Extract log-likelihood from large size stanfit using the Loo package

loo

#1

Hi everyone,

I am a beginner using Rstan package and loo package. I have a quick question for using loo package. I want to get loo and waic for the purpose of model comparison. In my stan code, I define a variable called log_lik for Loo computation in the generated quantities block. (although it is not a parameter) I made it as a vector because I use long format data to delete missing responses.

generated quantities {
vector[N] log_lik;
real deviance;
for (n in 1:N)
log_lik[n] = pcm(y[n], theta[pp[n]], to_vector(delta[ii[n]]));
deviance = sum(-2*log_lik);
}

In my current model (crossed random effects in IRT model), I simulated the data for 500 persons and 60 items (N=30,000 data points in total) and fit the model with 1000 iterations and 4 chains. And then, I got large size stanfit output (482.2 Mb). Due to define ‘log_lik’ variable in stan code, my stanfit output size was much larger than expected.

The log_lik array in the output looks like 500 (sampling draw after warmup) X 4 (chains) X 30,000(data points), which is very huge. I tried to extract pointwise log-likelihood values from the stan output, but I failed to extract them with an error message below (neither merge_chains = FALSE nor TRUE).

log_lik <- loo::extract_log_lik(stanfit, “log_lik”)
Error: cannot allocate vector of size 457.8 Mb

  1. Is there any solution to deal with large stanfit size for computing loo and waic?

  2. Is it okay to compute loo and waic based on the log-likelihood values from just 1 or 2 chains rather than all 4 chains?

  3. If okay, how can I extract 1 or 2 chains’s values from the stan ouput and get loo?

  4. After calculating loo and waic, I want to remove log-likelihood draws from the output object to reduce the file size. Is there any simple way to remove them?

Thanks for any help in advance! Have a great weekend.

Best,
JinHo


#2

From http://mc-stan.org/loo/reference/loo.html

for models fit to very large datasets the loo.function method is more memory efficient and may be preferable.

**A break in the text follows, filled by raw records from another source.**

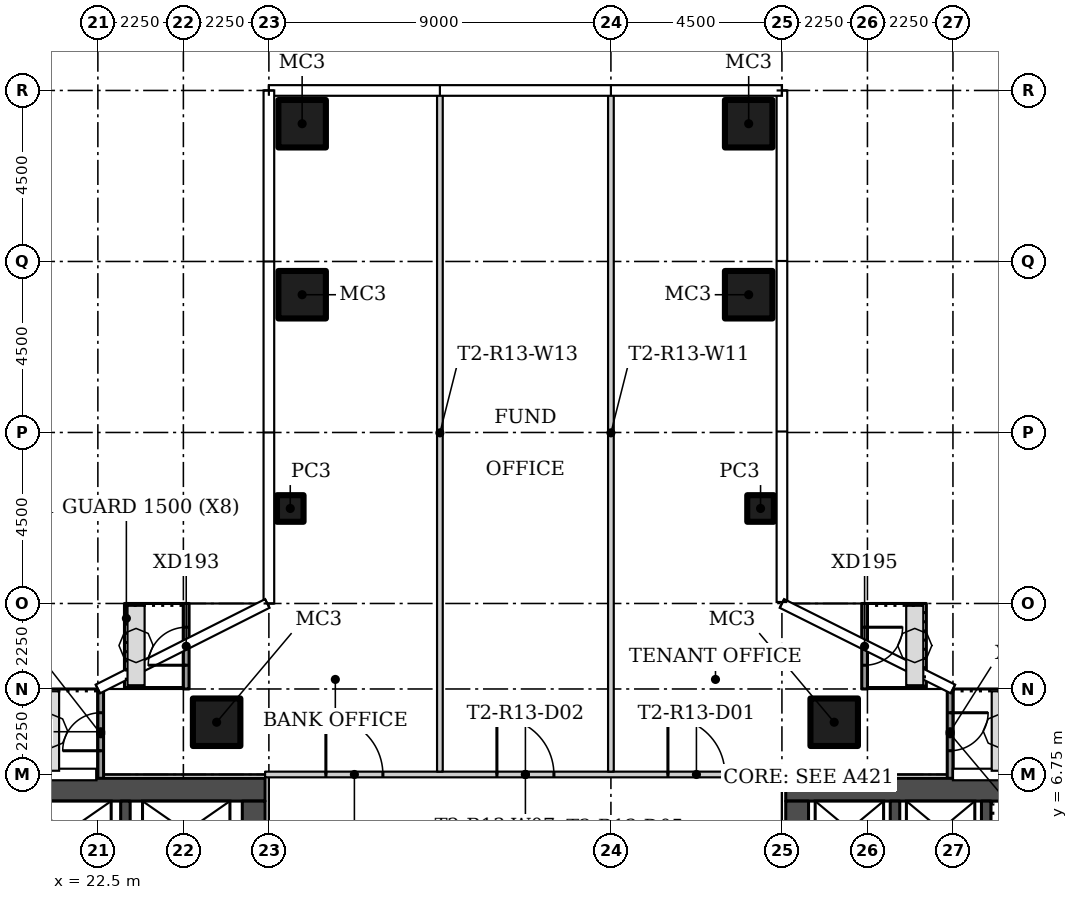
"""IFC4 building model, lengths in metres.
Left out: names, types, materials, properties, quantities, classifications, styles, units other than length and angle.
Written with IfcOpenShell. Run it as: python <this file> out.ifc"""

import sys

from ifc_helpers import new_model, si_unit, direction, frame, frame_2d, origin, origin_2d, place, context, subcontext, project, spatial, rectangle, hollow_rectangle, extrude, element, fill, save


model = new_model("IFC4")
c1 = context("Model", 3, precision=1e-05, world=origin(), true_north=direction((0.0, 1.0)))
c2 = subcontext(c1, "Body", "Model", "MODEL_VIEW")
j1 = project(units=[si_unit("LENGTHUNIT", "METRE"), si_unit("PLANEANGLEUNIT", "RADIAN")], contexts=[c1])
p1 = place(None, origin())
s1 = spatial("IfcSite", under=j1, at=p1, CompositionType="ELEMENT")
p2 = place(p1, origin())
s2 = spatial("IfcBuilding", under=s1, at=p2, CompositionType="ELEMENT")
p3 = place(p2, frame((0.0, 0.0, 124.8)))
s3 = spatial("IfcBuildingStorey", under=s2, at=p3, CompositionType="ELEMENT", Elevation=124.8)
for number, where in (
    (1, (25.625, 8.125, 0.0)),
    (2, (41.875, 8.125, 0.0)),
):
    element("IfcColumn", number, at=place(p3, frame(where)), inside=s3, PredefinedType="COLUMN", context=c2, shape_type="SweptSolid", body=[
        extrude(hollow_rectangle(XDim=1.25, YDim=1.25, WallThickness=0.05, at=origin_2d()), origin(), (0.0, 0.0, 1.0), 3.45),
    ])
p4 = place(p3, frame((39.938, 13.75, 0.0)))
e3 = element("IfcColumn", 3, at=p4, inside=s3, PredefinedType="COLUMN", context=c2, shape_type="SweptSolid", body=[
    extrude(hollow_rectangle(XDim=0.7, YDim=0.7, WallThickness=0.025, at=origin_2d()), origin(), (0.0, 0.0, 1.0), 3.45),
])
for number, where in (
    (4, (39.625, 19.375, 0.0)),
    (5, (39.625, 23.875, 0.0)),
):
    element("IfcColumn", number, at=place(p3, frame(where)), inside=s3, PredefinedType="COLUMN", context=c2, shape_type="SweptSolid", body=[
        extrude(hollow_rectangle(XDim=1.25, YDim=1.25, WallThickness=0.05, at=origin_2d()), origin(), (0.0, 0.0, 1.0), 3.45),
    ])
p5 = place(p3, frame((27.562, 13.75, 0.0)))
e6 = element("IfcColumn", 6, at=p5, inside=s3, PredefinedType="COLUMN", context=c2, shape_type="SweptSolid", body=[
    extrude(hollow_rectangle(XDim=0.7, YDim=0.7, WallThickness=0.025, at=origin_2d()), origin(), (0.0, 0.0, 1.0), 3.45),
])
for number, where in (
    (7, (27.875, 19.375, 0.0)),
    (8, (27.875, 23.875, 0.0)),
):
    element("IfcColumn", number, at=place(p3, frame(where)), inside=s3, PredefinedType="COLUMN", context=c2, shape_type="SweptSolid", body=[
        extrude(hollow_rectangle(XDim=1.25, YDim=1.25, WallThickness=0.05, at=origin_2d()), origin(), (0.0, 0.0, 1.0), 3.45),
    ])
p6 = place(p3, frame((26.9, 6.75, 0.0)))
e9 = element("IfcWall", 9, at=p6, inside=s3, PredefinedType="PARTITIONING", context=c2, shape_type="SweptSolid", body=[
    extrude(rectangle(XDim=13.7, YDim=0.15, at=frame_2d((6.85, 0.0))), origin(), (0.0, 0.0, 1.0), 3.45),
])
p7 = place(p6, frame((10.6, 0.0, 0.0)))
e10 = element("IfcOpeningElement", 10, at=p7, cuts=e9, PredefinedType="OPENING", context=c2, shape_type="SweptSolid", body=[
    extrude(rectangle(XDim=1.5, YDim=2.1, at=frame_2d((0.75, 1.05))), frame((0.0, 0.085, 0.0), z_axis=(0.0, -1.0, 0.0), x_axis=(1.0, 0.0, 0.0)), (0.0, 0.0, 1.0), 0.17),
])
p8 = place(p6, frame((6.1, 0.0, 0.0)))
e11 = element("IfcOpeningElement", 11, at=p8, cuts=e9, PredefinedType="OPENING", context=c2, shape_type="SweptSolid", body=[
    extrude(rectangle(XDim=1.5, YDim=2.1, at=frame_2d((0.75, 1.05))), frame((0.0, 0.085, 0.0), z_axis=(0.0, -1.0, 0.0), x_axis=(1.0, 0.0, 0.0)), (0.0, 0.0, 1.0), 0.17),
])
p9 = place(p6, frame((1.6, 0.0, 0.0)))
e12 = element("IfcOpeningElement", 12, at=p9, cuts=e9, PredefinedType="OPENING", context=c2, shape_type="SweptSolid", body=[
    extrude(rectangle(XDim=1.5, YDim=2.1, at=frame_2d((0.75, 1.05))), frame((0.0, 0.085, 0.0), z_axis=(0.0, -1.0, 0.0), x_axis=(1.0, 0.0, 0.0)), (0.0, 0.0, 1.0), 0.17),
])
for number, where, z_axis, x_axis in (
    (13, (36.0, 24.655, 0.0), (0.0, 0.0, 1.0), (0.0, -1.0, 0.0)),
    (14, (31.5, 24.655, 0.0), (0.0, 0.0, 1.0), (0.0, -1.0, 0.0)),
):
    element("IfcWall", number, at=place(p3, frame(where, z_axis=z_axis, x_axis=x_axis)), inside=s3, PredefinedType="PARTITIONING", context=c2, shape_type="SweptSolid", body=[
        extrude(rectangle(XDim=17.83, YDim=0.15, at=frame_2d((8.915, 0.0))), origin(), (0.0, 0.0, 1.0), 3.45),
    ])
p10 = place(p3, frame((24.825, 9.0, 0.0), z_axis=(0.0, 0.0, 1.0), x_axis=(0.0, 1.0, 0.0)))
e15 = element("IfcWall", 15, at=p10, inside=s3, PredefinedType="SOLIDWALL", context=c2, shape_type="SweptSolid", body=[
    extrude(rectangle(XDim=2.25, YDim=0.15, at=frame_2d((1.125, 0.0))), origin(), (0.0, 0.0, 1.0), 3.45),
])
p11 = place(p10, frame((0.625, 0.0, 0.0)))
e16 = element("IfcOpeningElement", 16, at=p11, cuts=e15, PredefinedType="OPENING", context=c2, shape_type="SweptSolid", body=[
    extrude(rectangle(XDim=1.0, YDim=2.4, at=frame_2d((0.5, 1.2))), frame((0.0, 0.085, 0.0), z_axis=(0.0, -1.0, 0.0), x_axis=(1.0, 0.0, 0.0)), (0.0, 0.0, 1.0), 0.17),
])
p12 = place(p3, frame((22.575, 6.643, 0.0), z_axis=(0.0, 0.0, 1.0), x_axis=(0.0, 1.0, 0.0)))
e17 = element("IfcWall", 17, at=p12, inside=s3, PredefinedType="SOLIDWALL", context=c2, shape_type="SweptSolid", body=[
    extrude(rectangle(XDim=2.357, YDim=0.15, at=frame_2d((1.178, 0.0))), origin(), (0.0, 0.0, 1.0), 3.45),
])
p13 = place(p12, frame((0.732, 0.0, 0.0)))
e18 = element("IfcOpeningElement", 18, at=p13, cuts=e17, PredefinedType="OPENING", context=c2, shape_type="SweptSolid", body=[
    extrude(rectangle(XDim=1.0, YDim=2.4, at=frame_2d((0.5, 1.2))), frame((0.0, 0.085, 0.0), z_axis=(0.0, -1.0, 0.0), x_axis=(1.0, 0.0, 0.0)), (0.0, 0.0, 1.0), 0.17),
])
p14 = place(p3, frame((42.675, 11.25, 0.0), z_axis=(0.0, 0.0, 1.0), x_axis=(0.0, -1.0, 0.0)))
e19 = element("IfcWall", 19, at=p14, inside=s3, PredefinedType="SOLIDWALL", context=c2, shape_type="SweptSolid", body=[
    extrude(rectangle(XDim=2.25, YDim=0.15, at=frame_2d((1.125, 0.0))), origin(), (0.0, 0.0, 1.0), 3.45),
])
p15 = place(p14, frame((0.625, 0.0, 0.0)))
e20 = element("IfcOpeningElement", 20, at=p15, cuts=e19, PredefinedType="OPENING", context=c2, shape_type="SweptSolid", body=[
    extrude(rectangle(XDim=1.0, YDim=2.4, at=frame_2d((0.5, 1.2))), frame((0.0, 0.085, 0.0), z_axis=(0.0, -1.0, 0.0), x_axis=(1.0, 0.0, 0.0)), (0.0, 0.0, 1.0), 0.17),
])
p16 = place(p3, frame((44.925, 9.0, 0.0), z_axis=(0.0, 0.0, 1.0), x_axis=(0.0, -1.0, 0.0)))
e21 = element("IfcWall", 21, at=p16, inside=s3, PredefinedType="SOLIDWALL", context=c2, shape_type="SweptSolid", body=[
    extrude(rectangle(XDim=2.357, YDim=0.15, at=frame_2d((1.178, 0.0))), origin(), (0.0, 0.0, 1.0), 3.45),
])
p17 = place(p16, frame((0.625, 0.0, 0.0)))
e22 = element("IfcOpeningElement", 22, at=p17, cuts=e21, PredefinedType="OPENING", context=c2, shape_type="SweptSolid", body=[
    extrude(rectangle(XDim=1.0, YDim=2.4, at=frame_2d((0.5, 1.2))), frame((0.0, 0.085, 0.0), z_axis=(0.0, -1.0, 0.0), x_axis=(1.0, 0.0, 0.0)), (0.0, 0.0, 1.0), 0.17),
])
p18 = place(p3, frame((13.6, 6.35, 0.0)))
e23 = element("IfcWall", 23, at=p18, inside=s3, PredefinedType="SHEAR", context=c2, shape_type="SweptSolid", body=[
    extrude(rectangle(XDim=13.3, YDim=0.6, at=frame_2d((6.65, 0.0))), origin(), (0.0, 0.0, 1.0), 3.45),
])
p19 = place(p3, frame((26.6, 6.05, 0.0), z_axis=(0.0, 0.0, 1.0), x_axis=(0.0, -1.0, 0.0)))
e24 = element("IfcWall", 24, at=p19, inside=s3, PredefinedType="SHEAR", context=c2, shape_type="SweptSolid", body=[
    extrude(rectangle(XDim=12.1, YDim=0.6, at=frame_2d((6.05, 0.0))), origin(), (0.0, 0.0, 1.0), 3.45),
])
p20 = place(p19, frame((10.1, 0.0, 0.0)))
e25 = element("IfcOpeningElement", 25, at=p20, cuts=e24, PredefinedType="OPENING", context=c2, shape_type="SweptSolid", body=[
    extrude(rectangle(XDim=1.2, YDim=2.1, at=frame_2d((0.6, 1.05))), frame((0.0, 0.31, 0.0), z_axis=(0.0, -1.0, 0.0), x_axis=(1.0, 0.0, 0.0)), (0.0, 0.0, 1.0), 0.62),
])
p21 = place(p19, frame((3.9, 0.0, 0.0)))
e26 = element("IfcOpeningElement", 26, at=p21, cuts=e24, PredefinedType="OPENING", context=c2, shape_type="SweptSolid", body=[
    extrude(rectangle(XDim=1.8, YDim=2.4, at=frame_2d((0.9, 1.2))), frame((0.0, 0.31, 0.0), z_axis=(0.0, -1.0, 0.0), x_axis=(1.0, 0.0, 0.0)), (0.0, 0.0, 1.0), 0.62),
])
p22 = place(p3, frame((23.225, 3.25, 0.0), z_axis=(0.0, 0.0, 1.0), x_axis=(0.0, 1.0, 0.0)))
e27 = element("IfcWall", 27, at=p22, inside=s3, PredefinedType="SHEAR", context=c2, shape_type="SweptSolid", body=[
    extrude(rectangle(XDim=2.8, YDim=0.25, at=frame_2d((1.4, 0.0))), origin(), (0.0, 0.0, 1.0), 3.45),
])
p23 = place(p3, frame((53.9, 6.35, 0.0), z_axis=(0.0, 0.0, 1.0), x_axis=(-1.0, 0.0, 0.0)))
e28 = element("IfcWall", 28, at=p23, inside=s3, PredefinedType="SHEAR", context=c2, shape_type="SweptSolid", body=[
    extrude(rectangle(XDim=13.3, YDim=0.6, at=frame_2d((6.65, 0.0))), origin(), (0.0, 0.0, 1.0), 3.45),
])
p24 = place(p3, frame((40.9, -6.05, 0.0), z_axis=(0.0, 0.0, 1.0), x_axis=(0.0, 1.0, 0.0)))
e29 = element("IfcWall", 29, at=p24, inside=s3, PredefinedType="SHEAR", context=c2, shape_type="SweptSolid", body=[
    extrude(rectangle(XDim=12.1, YDim=0.6, at=frame_2d((6.05, 0.0))), origin(), (0.0, 0.0, 1.0), 3.45),
])
p25 = place(p24, frame((0.8, 0.0, 0.0)))
e30 = element("IfcOpeningElement", 30, at=p25, cuts=e29, PredefinedType="OPENING", context=c2, shape_type="SweptSolid", body=[
    extrude(rectangle(XDim=1.2, YDim=2.1, at=frame_2d((0.6, 1.05))), frame((0.0, 0.31, 0.0), z_axis=(0.0, -1.0, 0.0), x_axis=(1.0, 0.0, 0.0)), (0.0, 0.0, 1.0), 0.62),
])
p26 = place(p24, frame((6.4, 0.0, 0.0)))
e31 = element("IfcOpeningElement", 31, at=p26, cuts=e29, PredefinedType="OPENING", context=c2, shape_type="SweptSolid", body=[
    extrude(rectangle(XDim=1.8, YDim=2.4, at=frame_2d((0.9, 1.2))), frame((0.0, 0.31, 0.0), z_axis=(0.0, -1.0, 0.0), x_axis=(1.0, 0.0, 0.0)), (0.0, 0.0, 1.0), 0.62),
])
for number, where, z_axis, x_axis in (
    (32, (45.875, 3.25, 0.0), (0.0, 0.0, 1.0), (0.0, 1.0, 0.0)),
    (33, (43.475, 3.25, 0.0), (0.0, 0.0, 1.0), (0.0, 1.0, 0.0)),
):
    element("IfcWall", number, at=place(p3, frame(where, z_axis=z_axis, x_axis=x_axis)), inside=s3, PredefinedType="SHEAR", context=c2, shape_type="SweptSolid", body=[
        extrude(rectangle(XDim=2.8, YDim=0.25, at=frame_2d((1.4, 0.0))), origin(), (0.0, 0.0, 1.0), 3.45),
    ])
p27 = place(p7, origin())
e34 = element("IfcDoor", 34, at=p27, inside=s3, OperationType="DOUBLE_DOOR_SINGLE_SWING", PredefinedType="DOOR", context=c2, shape_type="SweptSolid", body=[
    extrude(rectangle(XDim=1.5, YDim=2.1, at=frame_2d((0.75, 1.05))), frame((0.0, 0.025, 0.0), z_axis=(0.0, -1.0, 0.0), x_axis=(1.0, 0.0, 0.0)), (0.0, 0.0, 1.0), 0.05),
])
fill(e10, e34)
p28 = place(p8, origin())
e35 = element("IfcDoor", 35, at=p28, inside=s3, OperationType="DOUBLE_DOOR_SINGLE_SWING", PredefinedType="DOOR", context=c2, shape_type="SweptSolid", body=[
    extrude(rectangle(XDim=1.5, YDim=2.1, at=frame_2d((0.75, 1.05))), frame((0.0, 0.025, 0.0), z_axis=(0.0, -1.0, 0.0), x_axis=(1.0, 0.0, 0.0)), (0.0, 0.0, 1.0), 0.05),
])
fill(e11, e35)
p29 = place(p9, origin())
e36 = element("IfcDoor", 36, at=p29, inside=s3, OperationType="DOUBLE_DOOR_SINGLE_SWING", PredefinedType="DOOR", context=c2, shape_type="SweptSolid", body=[
    extrude(rectangle(XDim=1.5, YDim=2.1, at=frame_2d((0.75, 1.05))), frame((0.0, 0.025, 0.0), z_axis=(0.0, -1.0, 0.0), x_axis=(1.0, 0.0, 0.0)), (0.0, 0.0, 1.0), 0.05),
])
fill(e12, e36)
p30 = place(p11, origin())
e37 = element("IfcDoor", 37, at=p30, inside=s3, OperationType="SINGLE_SWING_RIGHT", PredefinedType="DOOR", context=c2, shape_type="SweptSolid", body=[
    extrude(rectangle(XDim=1.0, YDim=2.4, at=frame_2d((0.5, 1.2))), frame((0.0, 0.025, 0.0), z_axis=(0.0, -1.0, 0.0), x_axis=(1.0, 0.0, 0.0)), (0.0, 0.0, 1.0), 0.05),
])
fill(e16, e37)
p31 = place(p13, origin())
e38 = element("IfcDoor", 38, at=p31, inside=s3, OperationType="SINGLE_SWING_LEFT", PredefinedType="DOOR", context=c2, shape_type="SweptSolid", body=[
    extrude(rectangle(XDim=1.0, YDim=2.4, at=frame_2d((0.5, 1.2))), frame((0.0, 0.025, 0.0), z_axis=(0.0, -1.0, 0.0), x_axis=(1.0, 0.0, 0.0)), (0.0, 0.0, 1.0), 0.05),
])
fill(e18, e38)
p32 = place(p15, origin())
e39 = element("IfcDoor", 39, at=p32, inside=s3, OperationType="SINGLE_SWING_RIGHT", PredefinedType="DOOR", context=c2, shape_type="SweptSolid", body=[
    extrude(rectangle(XDim=1.0, YDim=2.4, at=frame_2d((0.5, 1.2))), frame((0.0, 0.025, 0.0), z_axis=(0.0, -1.0, 0.0), x_axis=(1.0, 0.0, 0.0)), (0.0, 0.0, 1.0), 0.05),
])
fill(e20, e39)
p33 = place(p17, origin())
e40 = element("IfcDoor", 40, at=p33, inside=s3, OperationType="SINGLE_SWING_LEFT", PredefinedType="DOOR", context=c2, shape_type="SweptSolid", body=[
    extrude(rectangle(XDim=1.0, YDim=2.4, at=frame_2d((0.5, 1.2))), frame((0.0, 0.025, 0.0), z_axis=(0.0, -1.0, 0.0), x_axis=(1.0, 0.0, 0.0)), (0.0, 0.0, 1.0), 0.05),
])
fill(e22, e40)
save(model, sys.argv[1])

function: A function f that takes arguments data_i and draws and returns a vector containing the log-likelihood for a single observation i evaluated at each posterior draw. The function should be written such that, for each observation i in 1:N, evaluating f(data_i = data[i, drop=FALSE], draws = draws) results in a vector of length S (size of posterior sample). The log-likelihood function can also have additional arguments but data_i and draws are required.


#3

Thank you so much for your quick answer!

I have looked at the example for the loo.function method in the current loo package document. However, for draw argument, “fake_posterior” was generated just by r function. Is there any example of it using stan model output?

I am wondering how to extract the entire posterior draws of relevant parameters (to compute the log-likelihood) from the stan output object. What should the object of draws look like? It may be a list form due to different dimensions of each parameters.

Many thanks!


#4

If you want to use Stan functions, you need to define them in the functions block and then use rstan::expose_stan_functions. If you do as.matrix or as.data.frame, you will get an object whose rows are equal to the number of retained draws.


#5

Thank you for your help.
The function method works well. Although it takes considerable time to compute a loo from the large data points, it was much more memory efficient, so finally I got the results!